Cross-Validation of Performance-Based Frailty against Daily Step Count from Personal Activity Trackers – Refining Prehabilitation Tools in Liver Transplant Candidates
1Department of Medicine, University of Pittsburgh Medical Center, Pittsburgh, PA, 2Department of Medicine, University of Pennsylvania, Philadelphia, PA
Meeting: 2020 American Transplant Congress
Abstract number: 478
Keywords: Liver transplantation, Prognosis, Risk factors, Waiting lists
Session Information
Session Name: Liver: Recipient Selection
Session Type: Oral Abstract Session
Date: Saturday, May 30, 2020
Session Time: 3:15pm-4:45pm
Presentation Time: 3:27pm-3:39pm
Location: Virtual
*Purpose: The AST proposed a toolkit to identify frailty in liver transplant (LT) candidates, including the liver frailty index (LFI) and 6-min walk test (6MWT). Personal activity trackers (PAT) can provide remote and continuous physical activity monitoring. We aimed to compare PAT-collected daily step counts to LFI, 6MWT, and usual gait speed (UGST) in LT candidates, testing their ability to predict death and 90-day readmission or hepatic encephalopathy (HE).
*Methods: Candidates evaluated by LT physical therapist were invited to wear a PAT (FitBit) following outpatient baseline LFI, 6MWT, and UGST assessment. These were compared against step counts collected by PAT for the first week (if ≥4 days; at least 10-h/day). In a subset of patients (n=23), analysis was restricted to days registering the step count for >1000 min along with simultaneous heart rate (HR-steps/day).

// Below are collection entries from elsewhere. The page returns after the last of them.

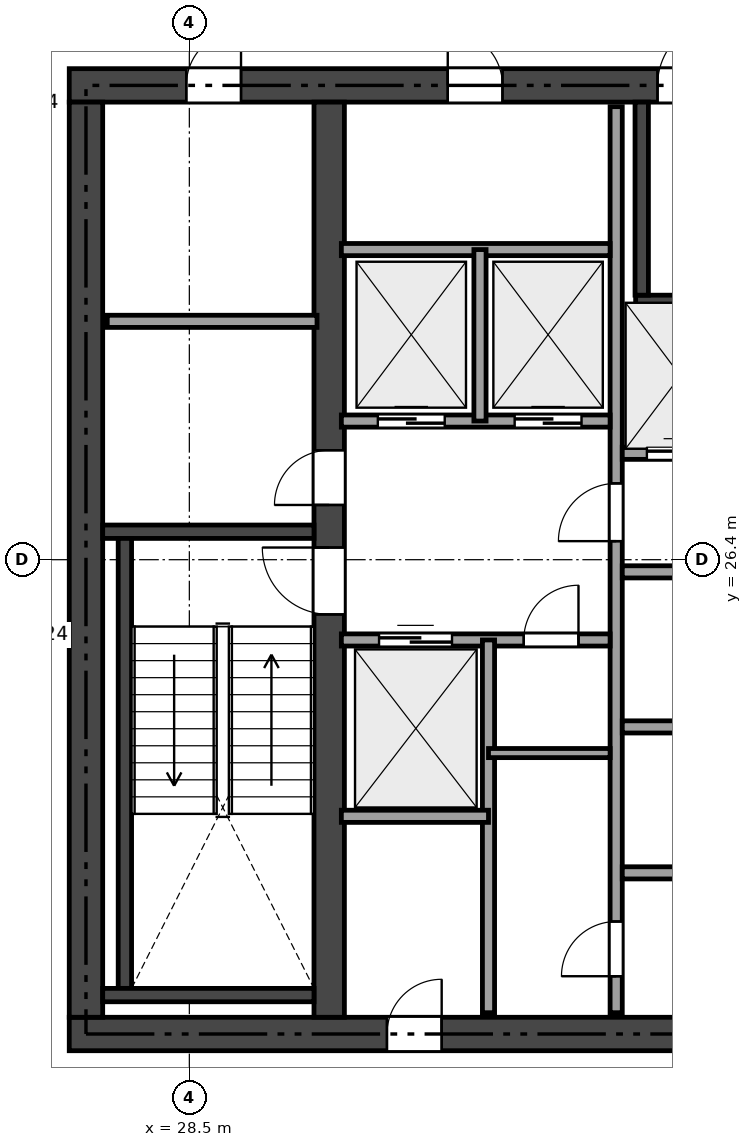
"""IFC4 building model, lengths in metres.
Left out: names, types, materials, properties, quantities, classifications, styles, units other than length and angle.
Written with IfcOpenShell. Run it as: python <this file> out.ifc"""

import sys

from ifc_helpers import new_model, si_unit, direction, frame, frame_2d, origin, place, context, subcontext, project, spatial, rectangle, extrude, element, fill, save


model = new_model("IFC4")
c1 = context("Model", 3, precision=1e-05, world=origin(), true_north=direction((0.0, 1.0)))
c2 = subcontext(c1, "Body", "Model", "MODEL_VIEW")
j1 = project(units=[si_unit("LENGTHUNIT", "METRE"), si_unit("PLANEANGLEUNIT", "RADIAN")], contexts=[c1])
p1 = place(None, origin())
s1 = spatial("IfcSite", under=j1, at=p1, CompositionType="ELEMENT")
p2 = place(p1, origin())
s2 = spatial("IfcBuilding", under=s1, at=p2, CompositionType="ELEMENT")
p3 = place(p2, frame((0.0, 0.0, 279.3)))
s3 = spatial("IfcBuildingStorey", under=s2, at=p3, CompositionType="ELEMENT", Elevation=279.3)
p4 = place(p3, frame((26.525, 18.6, 0.0), z_axis=(0.0, 0.0, 1.0), x_axis=(1.0, 0.0, 0.0)))
e1 = element("IfcWall", 1, at=p4, inside=s3, PredefinedType="SHEAR", context=c2, shape_type="SweptSolid", body=[
    extrude(rectangle(XDim=21.35, YDim=0.55, at=frame_2d((10.675, 0.0))), origin(), (0.0, 0.0, 1.0), 3.84),
])
p5 = place(p4, frame((12.4, 0.0, 0.0)))
e2 = element("IfcOpeningElement", 2, at=p5, cuts=e1, PredefinedType="OPENING", context=c2, shape_type="SweptSolid", body=[
    extrude(rectangle(XDim=1.15, YDim=2.15, at=frame_2d((0.575, 1.075))), frame((0.0, 0.285, 0.0), z_axis=(0.0, -1.0, 0.0), x_axis=(1.0, 0.0, 0.0)), (0.0, 0.0, 1.0), 0.57),
])
p6 = place(p4, frame((5.225, 0.0, 0.0)))
e3 = element("IfcOpeningElement", 3, at=p6, cuts=e1, PredefinedType="OPENING", context=c2, shape_type="SweptSolid", body=[
    extrude(rectangle(XDim=0.9, YDim=2.1, at=frame_2d((0.45, 1.05))), frame((0.0, 0.285, 0.0), z_axis=(0.0, -1.0, 0.0), x_axis=(1.0, 0.0, 0.0)), (0.0, 0.0, 1.0), 0.57),
])
p7 = place(p3, frame((26.525, 34.2, 0.0), z_axis=(0.0, 0.0, 1.0), x_axis=(1.0, 0.0, 0.0)))
e4 = element("IfcWall", 4, at=p7, inside=s3, PredefinedType="SHEAR", context=c2, shape_type="SweptSolid", body=[
    extrude(rectangle(XDim=21.35, YDim=0.55, at=frame_2d((10.675, 0.0))), origin(), (0.0, 0.0, 1.0), 3.84),
])
p8 = place(p7, frame((9.675, 0.0, 0.0)))
e5 = element("IfcOpeningElement", 5, at=p8, cuts=e4, PredefinedType="OPENING", context=c2, shape_type="SweptSolid", body=[
    extrude(rectangle(XDim=1.1, YDim=2.15, at=frame_2d((0.55, 1.075))), frame((0.0, 0.285, 0.0), z_axis=(0.0, -1.0, 0.0), x_axis=(1.0, 0.0, 0.0)), (0.0, 0.0, 1.0), 0.57),
])
p9 = place(p7, frame((1.925, 0.0, 0.0)))
e6 = element("IfcOpeningElement", 6, at=p9, cuts=e4, PredefinedType="OPENING", context=c2, shape_type="SweptSolid", body=[
    extrude(rectangle(XDim=0.9, YDim=2.1, at=frame_2d((0.45, 1.05))), frame((0.0, 0.285, 0.0), z_axis=(0.0, -1.0, 0.0), x_axis=(1.0, 0.0, 0.0)), (0.0, 0.0, 1.0), 0.57),
])
p10 = place(p7, frame((6.225, 0.0, 0.0)))
e7 = element("IfcOpeningElement", 7, at=p10, cuts=e4, PredefinedType="OPENING", context=c2, shape_type="SweptSolid", body=[
    extrude(rectangle(XDim=0.9, YDim=2.1, at=frame_2d((0.45, 1.05))), frame((0.0, 0.285, 0.0), z_axis=(0.0, -1.0, 0.0), x_axis=(1.0, 0.0, 0.0)), (0.0, 0.0, 1.0), 0.57),
])
p11 = place(p3, frame((26.8, 18.875, 0.0), z_axis=(0.0, 0.0, 1.0), x_axis=(0.0, 1.0, 0.0)))
e8 = element("IfcWall", 8, at=p11, inside=s3, PredefinedType="SHEAR", context=c2, shape_type="SweptSolid", body=[
    extrude(rectangle(XDim=15.05, YDim=0.55, at=frame_2d((7.525, 0.0))), origin(), (0.0, 0.0, 1.0), 3.84),
])
p12 = place(p3, frame((30.8, 18.875, 0.0), z_axis=(0.0, 0.0, 1.0), x_axis=(0.0, 1.0, 0.0)))
e9 = element("IfcWall", 9, at=p12, inside=s3, PredefinedType="SHEAR", context=c2, shape_type="SweptSolid", body=[
    extrude(rectangle(XDim=15.05, YDim=0.5, at=frame_2d((7.525, 0.0))), origin(), (0.0, 0.0, 1.0), 3.84),
])
p13 = place(p12, frame((6.625, 0.0, 0.0)))
e10 = element("IfcOpeningElement", 10, at=p13, cuts=e9, PredefinedType="OPENING", context=c2, shape_type="SweptSolid", body=[
    extrude(rectangle(XDim=1.1, YDim=2.15, at=frame_2d((0.55, 1.075))), frame((0.0, 0.26, 0.0), z_axis=(0.0, -1.0, 0.0), x_axis=(1.0, 0.0, 0.0)), (0.0, 0.0, 1.0), 0.52),
])
p14 = place(p12, frame((8.425, 0.0, 0.0)))
e11 = element("IfcOpeningElement", 11, at=p14, cuts=e9, PredefinedType="OPENING", context=c2, shape_type="SweptSolid", body=[
    extrude(rectangle(XDim=0.9, YDim=2.1, at=frame_2d((0.45, 1.05))), frame((0.0, 0.26, 0.0), z_axis=(0.0, -1.0, 0.0), x_axis=(1.0, 0.0, 0.0)), (0.0, 0.0, 1.0), 0.52),
])
p15 = place(p3, frame((27.075, 26.86, 0.0), z_axis=(0.0, 0.0, 1.0), x_axis=(1.0, 0.0, 0.0)))
e12 = element("IfcWall", 12, at=p15, inside=s3, PredefinedType="SHEAR", context=c2, shape_type="SweptSolid", body=[
    extrude(rectangle(XDim=3.475, YDim=0.22, at=frame_2d((1.738, 0.0))), origin(), (0.0, 0.0, 1.0), 3.84),
])
p16 = place(p3, frame((27.44, 19.35, 0.0), z_axis=(0.0, 0.0, 1.0), x_axis=(0.0, 1.0, 0.0)))
e13 = element("IfcWall", 13, at=p16, inside=s3, PredefinedType="SHEAR", context=c2, shape_type="SweptSolid", body=[
    extrude(rectangle(XDim=7.4, YDim=0.22, at=frame_2d((3.7, 0.0))), origin(), (0.0, 0.0, 1.0), 3.84),
])
p17 = place(p3, frame((27.075, 19.24, 0.0), z_axis=(0.0, 0.0, 1.0), x_axis=(1.0, 0.0, 0.0)))
e14 = element("IfcWall", 14, at=p17, inside=s3, PredefinedType="SHEAR", context=c2, shape_type="SweptSolid", body=[
    extrude(rectangle(XDim=3.475, YDim=0.22, at=frame_2d((1.738, 0.0))), origin(), (0.0, 0.0, 1.0), 3.84),
])
p18 = place(p3, frame((35.84, 30.64, 0.0), z_axis=(0.0, 0.0, 1.0), x_axis=(1.0, 0.0, 0.0)))
e15 = element("IfcWall", 15, at=p18, inside=s3, PredefinedType="SHEAR", context=c2, shape_type="SweptSolid", body=[
    extrude(rectangle(XDim=7.61, YDim=0.22, at=frame_2d((3.805, 0.0))), origin(), (0.0, 0.0, 1.0), 3.84),
])
p19 = place(p3, frame((35.94, 30.75, 0.0), z_axis=(0.0, 0.0, 1.0), x_axis=(0.0, 1.0, 0.0)))
e16 = element("IfcWall", 16, at=p19, inside=s3, PredefinedType="SHEAR", context=c2, shape_type="SweptSolid", body=[
    extrude(rectangle(XDim=3.175, YDim=0.22, at=frame_2d((1.587, 0.0))), origin(), (0.0, 0.0, 1.0), 3.84),
])
p20 = place(p3, frame((27.15, 30.32, 0.0), z_axis=(0.0, 0.0, 1.0), x_axis=(1.0, 0.0, 0.0)))
e17 = element("IfcWall", 17, at=p20, inside=s3, PredefinedType="SOLIDWALL", context=c2, shape_type="SweptSolid", body=[
    extrude(rectangle(XDim=3.45, YDim=0.2, at=frame_2d((1.725, 0.0))), origin(), (0.0, 0.0, 1.0), 3.513),
])
p21 = place(p3, frame((35.52, 18.95, 0.0), z_axis=(0.0, 0.0, 1.0), x_axis=(0.0, 1.0, 0.0)))
e18 = element("IfcWall", 18, at=p21, inside=s3, PredefinedType="SOLIDWALL", context=c2, shape_type="SweptSolid", body=[
    extrude(rectangle(XDim=14.9, YDim=0.2, at=frame_2d((7.45, 0.0))), origin(), (0.0, 0.0, 1.0), 3.361),
])
p22 = place(p21, frame((7.755, 0.0, 0.0)))
e19 = element("IfcOpeningElement", 19, at=p22, cuts=e18, PredefinedType="OPENING", context=c2, shape_type="SweptSolid", body=[
    extrude(rectangle(XDim=0.95, YDim=2.15, at=frame_2d((0.475, 1.075))), frame((0.0, 0.11, 0.0), z_axis=(0.0, -1.0, 0.0), x_axis=(1.0, 0.0, 0.0)), (0.0, 0.0, 1.0), 0.22),
])
p23 = place(p21, frame((0.6, 0.0, 0.0)))
e20 = element("IfcOpeningElement", 20, at=p23, cuts=e18, PredefinedType="OPENING", context=c2, shape_type="SweptSolid", body=[
    extrude(rectangle(XDim=0.9, YDim=2.1, at=frame_2d((0.45, 1.05))), frame((0.0, 0.11, 0.0), z_axis=(0.0, -1.0, 0.0), x_axis=(1.0, 0.0, 0.0)), (0.0, 0.0, 1.0), 0.22),
])
p24 = place(p3, frame((31.0, 28.68, 0.0), z_axis=(0.0, 0.0, 1.0), x_axis=(1.0, 0.0, 0.0)))
e21 = element("IfcWall", 21, at=p24, inside=s3, PredefinedType="SOLIDWALL", context=c2, shape_type="SweptSolid", body=[
    extrude(rectangle(XDim=4.42, YDim=0.2, at=frame_2d((2.21, 0.0))), origin(), (0.0, 0.0, 1.0), 3.84),
])
p25 = place(p24, frame((0.6, 0.0, 0.0)))
e22 = element("IfcOpeningElement", 22, at=p25, cuts=e21, PredefinedType="OPENING", context=c2, shape_type="SweptSolid", body=[
    extrude(rectangle(XDim=1.1, YDim=2.15, at=frame_2d((0.55, 1.075))), frame((0.0, 0.11, 0.0), z_axis=(0.0, -1.0, 0.0), x_axis=(1.0, 0.0, 0.0)), (0.0, 0.0, 1.0), 0.22),
])
p26 = place(p24, frame((2.85, 0.0, 0.0)))
e23 = element("IfcOpeningElement", 23, at=p26, cuts=e21, PredefinedType="OPENING", context=c2, shape_type="SweptSolid", body=[
    extrude(rectangle(XDim=1.1, YDim=2.15, at=frame_2d((0.55, 1.075))), frame((0.0, 0.11, 0.0), z_axis=(0.0, -1.0, 0.0), x_axis=(1.0, 0.0, 0.0)), (0.0, 0.0, 1.0), 0.22),
])
p27 = place(p3, frame((31.0, 31.5, 0.0), z_axis=(0.0, 0.0, 1.0), x_axis=(1.0, 0.0, 0.0)))
e24 = element("IfcWall", 24, at=p27, inside=s3, PredefinedType="SOLIDWALL", context=c2, shape_type="SweptSolid", body=[
    extrude(rectangle(XDim=4.42, YDim=0.2, at=frame_2d((2.21, 0.0))), origin(), (0.0, 0.0, 1.0), 3.84),
])
p28 = place(p3, frame((33.28, 28.68, 0.0), z_axis=(0.0, 0.0, 1.0), x_axis=(0.0, 1.0, 0.0)))
e25 = element("IfcWall", 25, at=p28, inside=s3, PredefinedType="SOLIDWALL", context=c2, shape_type="SweptSolid", body=[
    extrude(rectangle(XDim=2.82, YDim=0.2, at=frame_2d((1.41, 0.0))), origin(), (0.0, 0.0, 1.0), 3.84),
])
p29 = place(p3, frame((31.0, 25.08, 0.0), z_axis=(0.0, 0.0, 1.0), x_axis=(1.0, 0.0, 0.0)))
e26 = element("IfcWall", 26, at=p29, inside=s3, PredefinedType="SOLIDWALL", context=c2, shape_type="SweptSolid", body=[
    extrude(rectangle(XDim=4.42, YDim=0.2, at=frame_2d((2.21, 0.0))), origin(), (0.0, 0.0, 1.0), 3.84),
])
p30 = place(p29, frame((3.0, 0.0, 0.0)))
e27 = element("IfcOpeningElement", 27, at=p30, cuts=e26, PredefinedType="OPENING", context=c2, shape_type="SweptSolid", body=[
    extrude(rectangle(XDim=0.9, YDim=2.1, at=frame_2d((0.45, 1.05))), frame((0.0, 0.11, 0.0), z_axis=(0.0, -1.0, 0.0), x_axis=(1.0, 0.0, 0.0)), (0.0, 0.0, 1.0), 0.22),
])
p31 = place(p29, frame((0.62, 0.0, 0.0)))
e28 = element("IfcOpeningElement", 28, at=p31, cuts=e26, PredefinedType="OPENING", context=c2, shape_type="SweptSolid", body=[
    extrude(rectangle(XDim=1.2, YDim=2.15, at=frame_2d((0.6, 1.075))), frame((0.0, 0.11, 0.0), z_axis=(0.0, -1.0, 0.0), x_axis=(1.0, 0.0, 0.0)), (0.0, 0.0, 1.0), 0.22),
])
p32 = place(p3, frame((33.42, 18.95, 0.0), z_axis=(0.0, 0.0, 1.0), x_axis=(0.0, 1.0, 0.0)))
e29 = element("IfcWall", 29, at=p32, inside=s3, PredefinedType="SOLIDWALL", context=c2, shape_type="SweptSolid", body=[
    extrude(rectangle(XDim=6.13, YDim=0.2, at=frame_2d((3.065, 0.0))), origin(), (0.0, 0.0, 1.0), 3.361),
])
p33 = place(p3, frame((31.0, 22.18, 0.0), z_axis=(0.0, 0.0, 1.0), x_axis=(1.0, 0.0, 0.0)))
e30 = element("IfcWall", 30, at=p33, inside=s3, PredefinedType="SOLIDWALL", context=c2, shape_type="SweptSolid", body=[
    extrude(rectangle(XDim=2.42, YDim=0.2, at=frame_2d((1.21, 0.0))), origin(), (0.0, 0.0, 1.0), 3.84),
])
p34 = place(p3, frame((33.42, 23.22, 0.0), z_axis=(0.0, 0.0, 1.0), x_axis=(1.0, 0.0, 0.0)))
e31 = element("IfcWall", 31, at=p34, inside=s3, PredefinedType="PARTITIONING", context=c2, shape_type="SweptSolid", body=[
    extrude(rectangle(XDim=2.0, YDim=0.15, at=frame_2d((1.0, 0.0))), origin(), (0.0, 0.0, 1.0), 3.84),
])
p35 = place(p3, frame((35.62, 28.15, 0.0), z_axis=(0.0, 0.0, 1.0), x_axis=(1.0, 0.0, 0.0)))
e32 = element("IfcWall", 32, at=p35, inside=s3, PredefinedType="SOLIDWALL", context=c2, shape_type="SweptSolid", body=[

*Results: 75 patients, age 55±10, male 64%, MELDNa 17±5, BMI 31±7, were included (EtOH 37%, NASH 32%, HCV 15%, and other 16%). Frailty was present in 25% per LFI, 18% per 6MWT, and 20% per UGST. Agreement between frailty tools was 81-88% (highest in LFI-6MWT). Daily step count was lower in frail vs. non-frail patients, particularly when considering HR-steps/day (Table). Step count also differed between LFI frail, pre-frail [3648 (2057-7067)] and robust [5357 (2815-10574)]; p=0.02. AUROC for frailty diagnosis based on PAT improved when analysis was restricted to HR-steps/day (Table). During follow up there were 9 deaths and 19 hospital admissions (6 for HE). On survival analysis, only UGST predicted mortality (HR=4.7; p=0.03) with a trend for PAT<2500 steps/day (HR=3.6; p=0.07). Frailty by all methods was associated with hospital admission (LFI, HR=2.78, p=0.04; 6MWT, HR=3.4, p=0.02; UGST, HR=5.5, p=0.001; PAT<2500 steps/day, HR=11.2, p<0.001). Notably, only PAT<1000 steps/day predicted HE-related admission (HR=9.9, p=0.02).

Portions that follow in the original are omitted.